With about a third of the S&P 500 reporting second-quarter earnings so far, there are no real problems — and no indication that the world economy is slowing down.
Large-cap U.S. corporate profits are up 15% on average.
If there is a global catastrophe in the works, it had yet to work its way into these gigantic enterprises’ operations by the end of June.
And since bigger and more globally diversified U.S. companies are actually outperforming their more domestically focused counterparts, there does not seem to be any disaster brewing in emerging markets in particular.
When we weight the calculations according to market cap, the year-over-year growth in earnings clocks in at 39.2% at this point in the calendar.

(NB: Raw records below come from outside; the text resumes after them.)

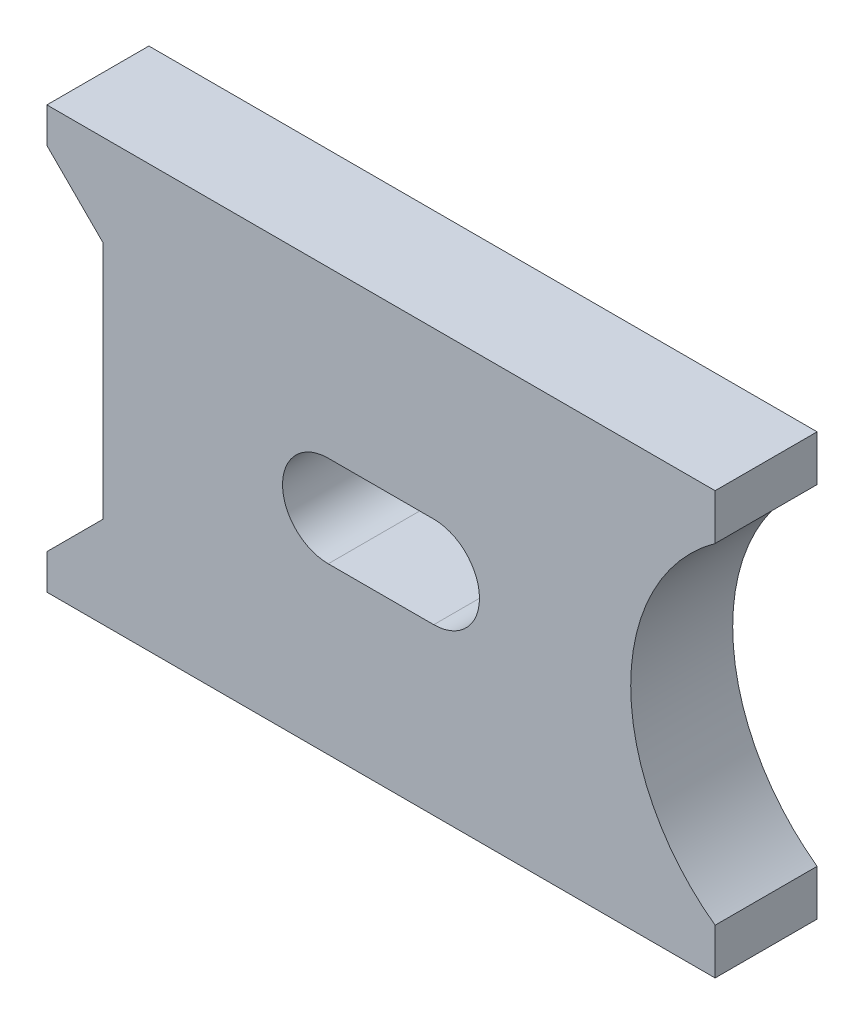
SolidWorks part; units mm, degrees
ref_plane "Front Plane" through (0, 0, 0) normal (0, 0, 1) x (1, 0, 0)
ref_plane "Top Plane" through (0, 0, 0) normal (0, 1, 0) x (1, 0, 0)
ref_plane "Right Plane" through (0, 0, 0) normal (1, 0, 0) x (0, 0, -1)
sketch "Sketch1" plane through (0, 0, 0) normal (0, 0, 1) x (1, 0, 0)
  line L0 (47.5, -23.5) -> (47.5, -30)
  line L1 (-47.5, 30) -> (47.5, 30)
  line L2 (-47.5, 30) -> (-47.5, 25)
  line L3 (-47.5, -30) -> (47.5, -30)
  line L4 (47.5, 30) -> (47.5, 23.5)
  line L5 (-47.5, 30) -> (47.5, -30) construction
  line L6 (-47.5, -30) -> (47.5, 30) construction
  line L7 (-39.5, 17) -> (-39.5, -17)
  line L8 (-39.5, 22) -> (-39.5, -22) construction
  line L9 (34.7485, -22) -> (34.7485, -22)
  line L10 (34.7485, 22) -> (34.7485, 22)
  line L12 (-39.5, -22) -> (34.7485, -22) construction
  line L13 (-39.5, 22) -> (34.7485, 22) construction
  line L14 (-47.5, -25) -> (-39.5, -17)
  line L15 (-47.5, -25) -> (-47.5, -30)
  line L16 (-47.5, 25) -> (-39.5, 17)
  line L17 (-47.5, 30) -> (-47.5, -30) construction
  line L19 (-7.5, 6.5) -> (7.5, 6.5)
  line L20 (-7.5, -6.5) -> (7.5, -6.5)
  arc A0 (47.5, 23.5) -> (47.5, -23.5) centre (64.5104, 0) ccw
  arc A1 (7.5, -6.5) -> (7.5, 6.5) centre (7.5, 0) ccw
  arc A2 (34.7485, 22) -> (34.7485, -22) centre (64.5104, 0) ccw construction
  arc A4 (-7.5, -6.5) -> (-7.5, 6.5) centre (-7.5, 0) cw
  point P0 (0, 0)
  point P6 (35.5, 0)
  point P7 (47.5, -23.5)
  point P8 (47.5, 0)
  point P9 (47.5, 23.5)
  point P20 (-39.5, 0)
  dimension "D1" = 12
  dimension "D2" = 23.5
  dimension "D3" = 23.5
  dimension "D5" = 95
  dimension "D4" = 8
extrude "Boss-Extrude1" add sketch "Sketch1" along normal blind 14.5 contours A0 L4 L1 L2 L16 L7 L14 L15 L3 L0 L20 A4 L19 A1
sketch "Sketch2" plane through (0, 0, 14.5) normal (0, 0, 1) x (1, 0, 0)
  line L0 (7.5, 0) -> (-7.5, 0)
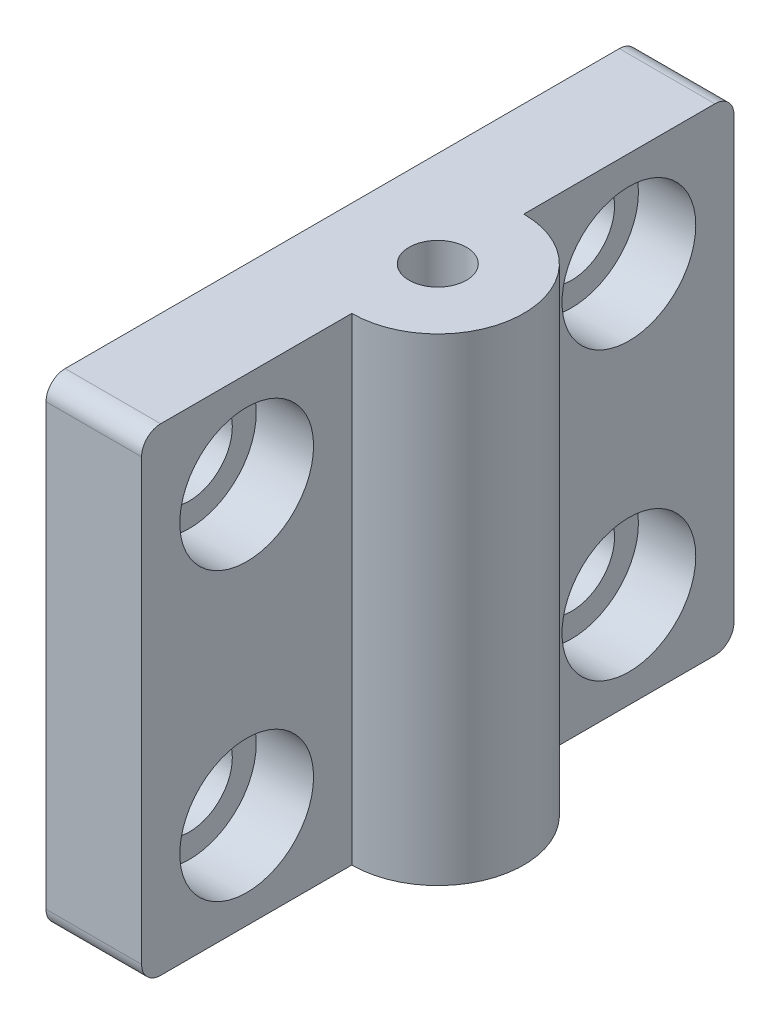
from build123d import *

# Parameters (mm, degrees)
SKETCH_1_R                   = 3
EXTRUDE_1_DEPTH              = 25
HOLE_WIZARD_M8_1_D           = 9
HOLE_WIZARD_M8_1_CBORE_D     = 14
HOLE_WIZARD_M8_1_CBORE_DEPTH = 6
FILLET_1_R                   = 2


with BuildPart() as part:
    # 草图1 → 凸台-拉伸1 (new, symmetric)
    with BuildSketch(Plane(origin=(0, 0, 0), x_dir=(1, 0, 0), z_dir=(0, 1, 0))):
        with BuildLine():
            Line((10, -9), (10, -31))
            Line((10, -31), (0, -31))
            Line((0, -31), (0, 31))
            Line((0, 31), (10, 31))
            Line((10, 31), (10, 9))
            ThreePointArc((10, 9), (19, 0), (10, -9))
        make_face()
        with Locations(Location((10, 0, 0), (0, 0, 270))):
            Circle(SKETCH_1_R, mode=Mode.SUBTRACT)
    extrude(amount=EXTRUDE_1_DEPTH, both=True)

    # M8 六角凹头螺钉的柱形沉头孔1 (through all)
    with Locations(Plane(origin=(10, 0, 0), x_dir=(0, 0, -1), z_dir=(1, 0, 0))):
        with Locations((-20, 15), (-20, -15), (20, -15), (20, 15)):
            CounterBoreHole(HOLE_WIZARD_M8_1_D / 2, HOLE_WIZARD_M8_1_CBORE_D / 2, HOLE_WIZARD_M8_1_CBORE_DEPTH)

    # 圆角1
    fillet_1_edges = [part.edges().sort_by_distance(p)[0] for p in [
        (5, 25, -31),
        (5, -25, -31),
        (5, 25, 31),
        (5, -25, 31),
    ]]
    fillet(fillet_1_edges, radius=FILLET_1_R)


solid = part.part

Granted, Caterpillar (CAT) missed estimates last week. Yet the company managed to boost its profits 44% on an adjusted basis during the recent quarter.
The only problem was that Wall Street was expecting 47% growth.
We watch Caterpillar closely around here because it sells roughly 30% of its heavy construction equipment into emerging markets, so it is a good bellwether into the health of these economies.
If China and other countries are still buying equipment, we know they are still building roads, factories and even entire cities.
The pace may be a little slower than the forecasts led people to anticipate, but it is far from the worst-case scenario.
Healthy earnings from the constituents of the S&P 500 — traded as the SPY — mean stocks in emerging markets and funds such as EEM are alive and well.